Models for Trust-region methods

The subproblem of Trust-region is

\[\min_{p} m_k(x_k + p)\]

where $x_k + p$ lies inside the trust region.

The model function has the quadratic fuction form:

\[m_k(x_k + p)= f_k + p^T \nabla f_k + \frac{1}{2} p^T B_k p\]

We have some ways to choose $B_k$:

We set $B_k = 0$ and define the trust region using the Euclidean norm, the trust region subproblem becomes \[ \min_{p} f_k + p^T \nabla f_k \text{, subject to }| p |_2 \le \Delta_k \] We can write the solution to this problem in closed form as \[ p_k = -\frac{\Delta_k \nabla f_k}{| \nabla f_k |} \] This is simply a steepest descent step in which the step length is determined by the trust-region radius; the trust-region and line search approaches are essentially the same in this case.
We can choose $B_k$ to be exact Hessian $\nabla^2 f_k$ in quadratic model. The subprolem is guaranteed to have a solution $p_k$ even though the $\nabla^2 f_k$ is not positive definite because of the restriction $| p|_2 \le \Delta_k$.
We are also able to choose $B_k$ by means of a quasi-Newton approximation. This is trust-region quasi-Newton method.

Scaling

A uncontrained optimization is poorly scaled if changes to x in a certain direction prodct much larger variations in the value of $f$ than do changes to x in another direction.
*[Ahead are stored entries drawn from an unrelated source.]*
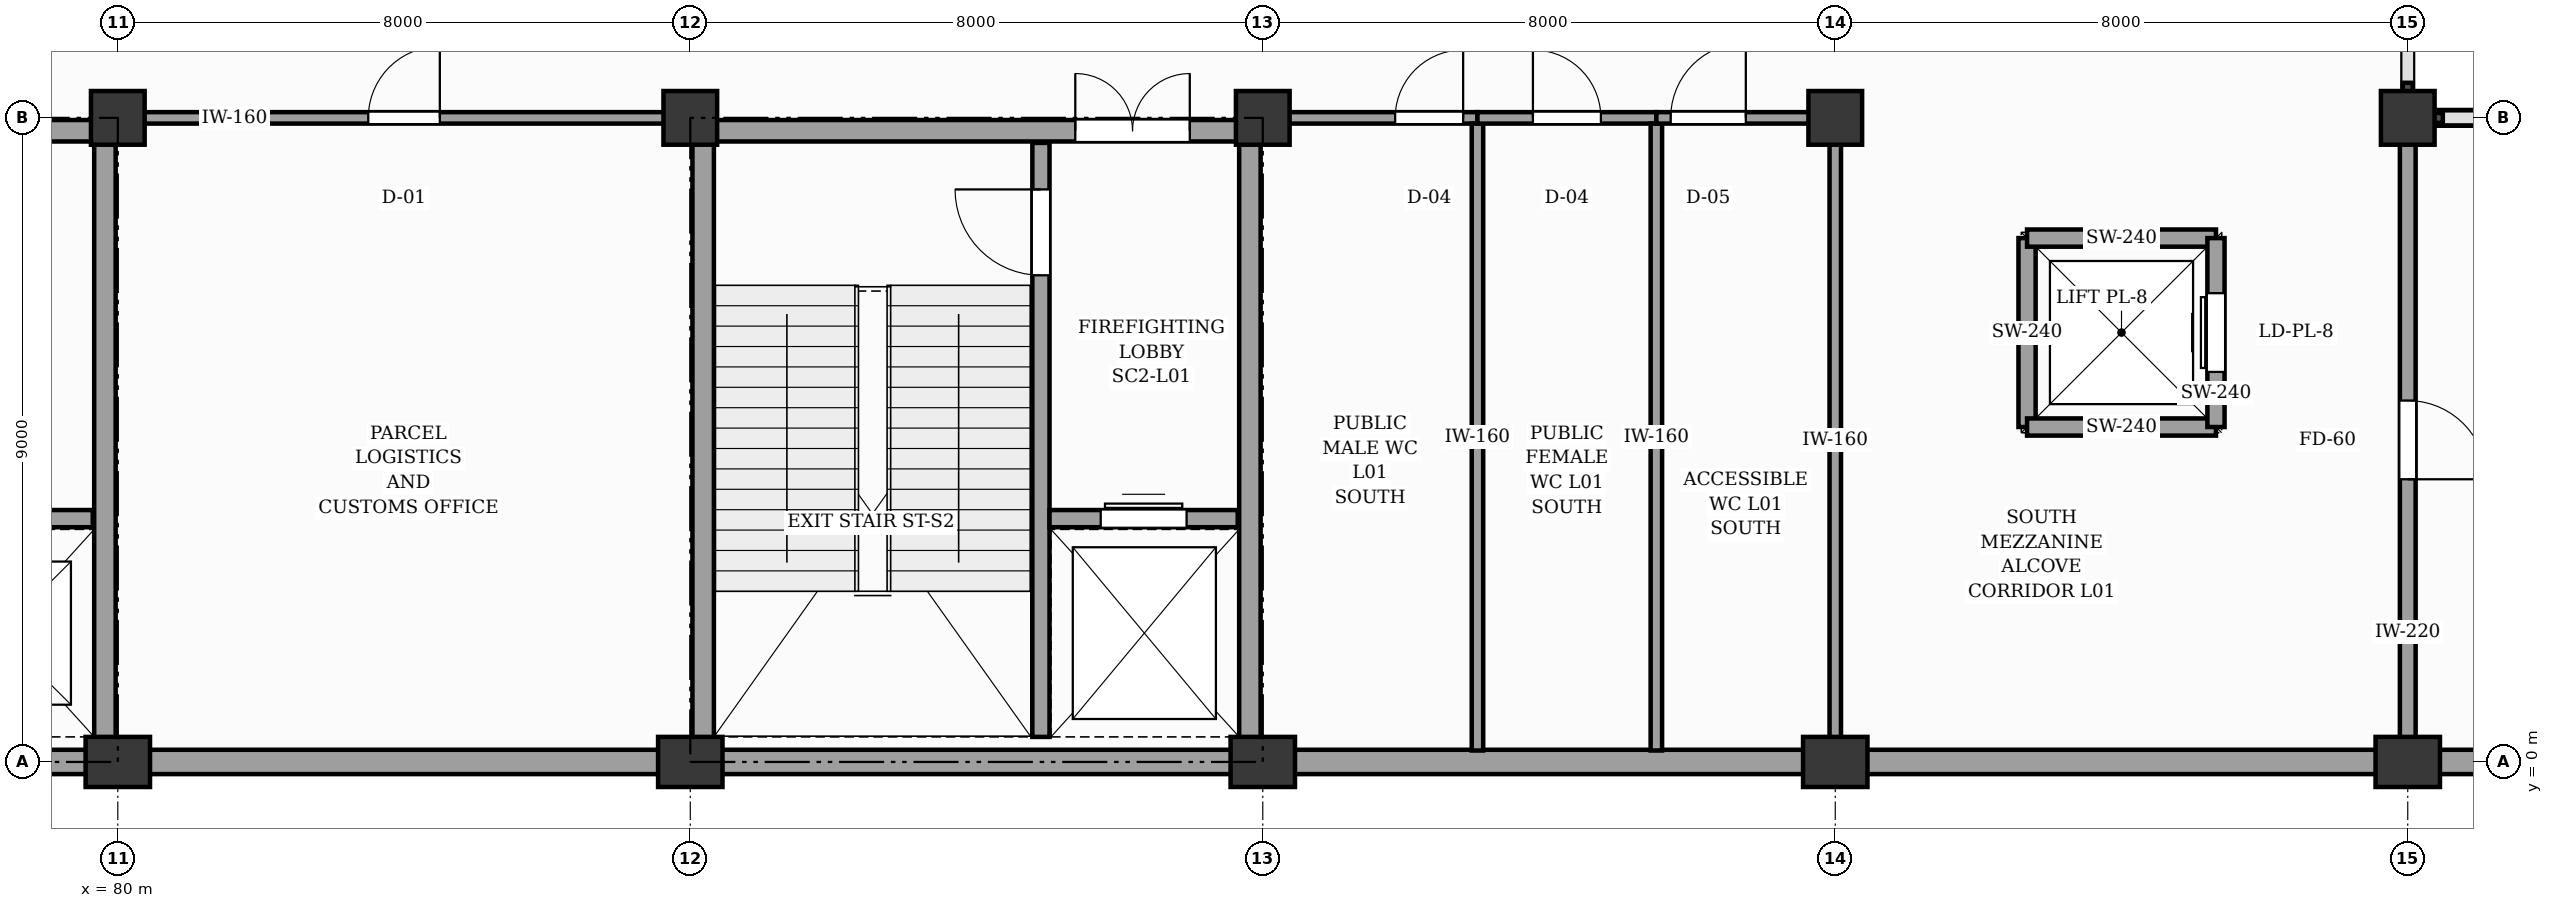
"""IFC4 building model, lengths in metres.
Left out: names, types, materials, properties, quantities, classifications, styles, units other than length and angle.
Written with IfcOpenShell. Run it as: python <this file> out.ifc"""

import sys

from ifc_helpers import new_model, si_unit, direction, frame, frame_2d, origin, origin_2d, place, context, subcontext, project, spatial, rectangle, extrude, element, fill, save


model = new_model("IFC4")
c1 = context("Model", 3, precision=1e-05, world=origin(), true_north=direction((0.0, 1.0)))
c2 = subcontext(c1, "Body", "Model", "MODEL_VIEW")
j1 = project(units=[si_unit("LENGTHUNIT", "METRE"), si_unit("PLANEANGLEUNIT", "RADIAN")], contexts=[c1])
p1 = place(None, origin())
s1 = spatial("IfcSite", under=j1, at=p1, CompositionType="ELEMENT")
p2 = place(p1, origin())
s2 = spatial("IfcBuilding", under=s1, at=p2, CompositionType="ELEMENT")
p3 = place(p2, frame((0.0, 0.0, 4.8)))
s3 = spatial("IfcBuildingStorey", under=s2, at=p3, CompositionType="ELEMENT", Elevation=4.8)
p4 = place(p3, frame((80.0, 0.0, 0.0), z_axis=(0.0, 0.0, 1.0), x_axis=(1.0, 0.0, 0.0)))
e1 = element("IfcColumn", 1, at=p4, inside=s3, PredefinedType="PILASTER", context=c2, shape_type="SweptSolid", body=[
    extrude(rectangle(XDim=0.9, YDim=0.7, at=origin_2d()), origin(), (0.0, 0.0, 1.0), 4.8),
])
p5 = place(p3, frame((80.0, 9.0, 0.0), z_axis=(0.0, 0.0, 1.0), x_axis=(1.0, 0.0, 0.0)))
e2 = element("IfcColumn", 2, at=p5, inside=s3, PredefinedType="COLUMN", context=c2, shape_type="SweptSolid", body=[
    extrude(rectangle(XDim=0.75, YDim=0.75, at=origin_2d()), origin(), (0.0, 0.0, 1.0), 4.8),
])
p6 = place(p3, frame((88.0, 0.0, 0.0), z_axis=(0.0, 0.0, 1.0), x_axis=(1.0, 0.0, 0.0)))
e3 = element("IfcColumn", 3, at=p6, inside=s3, PredefinedType="PILASTER", context=c2, shape_type="SweptSolid", body=[
    extrude(rectangle(XDim=0.9, YDim=0.7, at=origin_2d()), origin(), (0.0, 0.0, 1.0), 4.8),
])
p7 = place(p3, frame((88.0, 9.0, 0.0), z_axis=(0.0, 0.0, 1.0), x_axis=(1.0, 0.0, 0.0)))
e4 = element("IfcColumn", 4, at=p7, inside=s3, PredefinedType="COLUMN", context=c2, shape_type="SweptSolid", body=[
    extrude(rectangle(XDim=0.75, YDim=0.75, at=origin_2d()), origin(), (0.0, 0.0, 1.0), 4.8),
])
p8 = place(p3, frame((96.0, 0.0, 0.0), z_axis=(0.0, 0.0, 1.0), x_axis=(1.0, 0.0, 0.0)))
e5 = element("IfcColumn", 5, at=p8, inside=s3, PredefinedType="PILASTER", context=c2, shape_type="SweptSolid", body=[
    extrude(rectangle(XDim=0.9, YDim=0.7, at=origin_2d()), origin(), (0.0, 0.0, 1.0), 4.8),
])
p9 = place(p3, frame((96.0, 9.0, 0.0), z_axis=(0.0, 0.0, 1.0), x_axis=(1.0, 0.0, 0.0)))
e6 = element("IfcColumn", 6, at=p9, inside=s3, PredefinedType="COLUMN", context=c2, shape_type="SweptSolid", body=[
    extrude(rectangle(XDim=0.75, YDim=0.75, at=origin_2d()), origin(), (0.0, 0.0, 1.0), 4.8),
])
p10 = place(p3, frame((104.0, 0.0, 0.0), z_axis=(0.0, 0.0, 1.0), x_axis=(1.0, 0.0, 0.0)))
e7 = element("IfcColumn", 7, at=p10, inside=s3, PredefinedType="PILASTER", context=c2, shape_type="SweptSolid", body=[
    extrude(rectangle(XDim=0.9, YDim=0.7, at=origin_2d()), origin(), (0.0, 0.0, 1.0), 4.8),
])
p11 = place(p3, frame((104.0, 9.0, 0.0), z_axis=(0.0, 0.0, 1.0), x_axis=(1.0, 0.0, 0.0)))
e8 = element("IfcColumn", 8, at=p11, inside=s3, PredefinedType="COLUMN", context=c2, shape_type="SweptSolid", body=[
    extrude(rectangle(XDim=0.75, YDim=0.75, at=origin_2d()), origin(), (0.0, 0.0, 1.0), 4.8),
])
p12 = place(p3, frame((112.0, 0.0, 0.0), z_axis=(0.0, 0.0, 1.0), x_axis=(1.0, 0.0, 0.0)))
e9 = element("IfcColumn", 9, at=p12, inside=s3, PredefinedType="PILASTER", context=c2, shape_type="SweptSolid", body=[
    extrude(rectangle(XDim=0.9, YDim=0.7, at=origin_2d()), origin(), (0.0, 0.0, 1.0), 4.8),
])
p13 = place(p3, frame((112.0, 9.0, 0.0), z_axis=(0.0, 0.0, 1.0), x_axis=(1.0, 0.0, 0.0)))
e10 = element("IfcColumn", 10, at=p13, inside=s3, PredefinedType="COLUMN", context=c2, shape_type="SweptSolid", body=[
    extrude(rectangle(XDim=0.75, YDim=0.75, at=origin_2d()), origin(), (0.0, 0.0, 1.0), 4.8),
])
for number, where, z_axis, x_axis in (
    (11, (72.4, 0.0, 0.0), (0.0, 0.0, 1.0), (1.0, 0.0, 0.0)),
    (12, (80.4, 0.0, 0.0), (0.0, 0.0, 1.0), (1.0, 0.0, 0.0)),
    (13, (88.4, 0.0, 0.0), (0.0, 0.0, 1.0), (1.0, 0.0, 0.0)),
    (14, (96.4, 0.0, 0.0), (0.0, 0.0, 1.0), (1.0, 0.0, 0.0)),
    (15, (104.4, 0.0, 0.0), (0.0, 0.0, 1.0), (1.0, 0.0, 0.0)),
):
    element("IfcWall", number, at=place(p3, frame(where, z_axis=z_axis, x_axis=x_axis)), inside=s3, PredefinedType="SOLIDWALL", context=c2, shape_type="SweptSolid", body=[
        extrude(rectangle(XDim=7.2, YDim=0.34, at=frame_2d((3.6, 0.0))), origin(), (0.0, 0.0, 1.0), 3.84),
    ])
p14 = place(p3, frame((112.4, 0.0, 0.0), z_axis=(0.0, 0.0, 1.0), x_axis=(1.0, 0.0, 0.0)))
e16 = element("IfcWall", 16, at=p14, inside=s3, PredefinedType="SOLIDWALL", context=c2, shape_type="SweptSolid", body=[
    extrude(rectangle(XDim=7.2, YDim=0.34, at=frame_2d((3.6, 0.0))), origin(), (0.0, 0.0, 1.0), 3.08),
])
p15 = place(p3, frame((92.9, 0.35, 0.0), z_axis=(0.0, 0.0, 1.0), x_axis=(0.0, 1.0, 0.0)))
e17 = element("IfcWall", 17, at=p15, inside=s3, PredefinedType="SHEAR", context=c2, shape_type="SweptSolid", body=[
    extrude(rectangle(XDim=8.3, YDim=0.24, at=frame_2d((4.15, 0.0))), origin(), (0.0, 0.0, 1.0), 4.52),
])
p16 = place(p15, frame((6.45, 0.0, 0.0)))
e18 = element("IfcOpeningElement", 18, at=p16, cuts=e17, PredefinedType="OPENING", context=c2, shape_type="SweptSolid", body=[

Steepest descent and som optimization algorithms are sensitive to poor scaling, while others such as Newton’s method are unaffected by it. In design complete algorithms, scale invariance is included in all aspects of algoritm. In general, it is easier to preserve scale invariance for line search algorithms than for trust-region algorithms.

Rates of convergence

Let $\{x_k\}$ be a sequence in $\mathbb{R}^n$ that converges to $x^{*}$. We say that the convergence is Q-linear if there is a constant $r \in (0,1)$ such that $$\frac{\| x_{k+1} - x* \|}{\| x_k - x* \|} \le r \text{, for all k sufficiently large}$$ The convergence is said to be Q-superlinear if $$\lim_{k \rightarrow \infty} \frac{\| x_{k+1} - x* \|}{\| x_k - x* \|} = 0 \text{, for all k sufficiently large}$$ Q-quadratic is optained if $$\frac{\| x_{k+1} - x* \|}{\| x_k - x* \|^2} \le M \text{, for all k sufficiently large}$$ In general, the Q-order of convergence is p (with p > 1) if there is a positive constant M such that $$\frac{\| x_{k+1} - x* \|}{\| x_k - x* \|^p} \le M \text{, for all k sufficiently large}$$

For example:

$1+(0.5)^k$ converges Q-linearly to 1
$1+k^{-k}$ converges superlinearly to 1
$1+ (0.5)^{2^k}$ converses quadratically to 1

The speed of convergence depends on $r$ and $M$. These values depend on both algorithms and properties of problem. However, a quadratically convergent sequence will always eventually converge faster than a linearly convergent sequence.

Quasi-Newton methods typically converge Q-superlinearly, whereas Newton’s method converges Q-quadratically. In contrast, steepest descent algorithms converge only at a Q-linear rate, and when the problem is ill-conditioned the convergence constant $r$ is close to 1.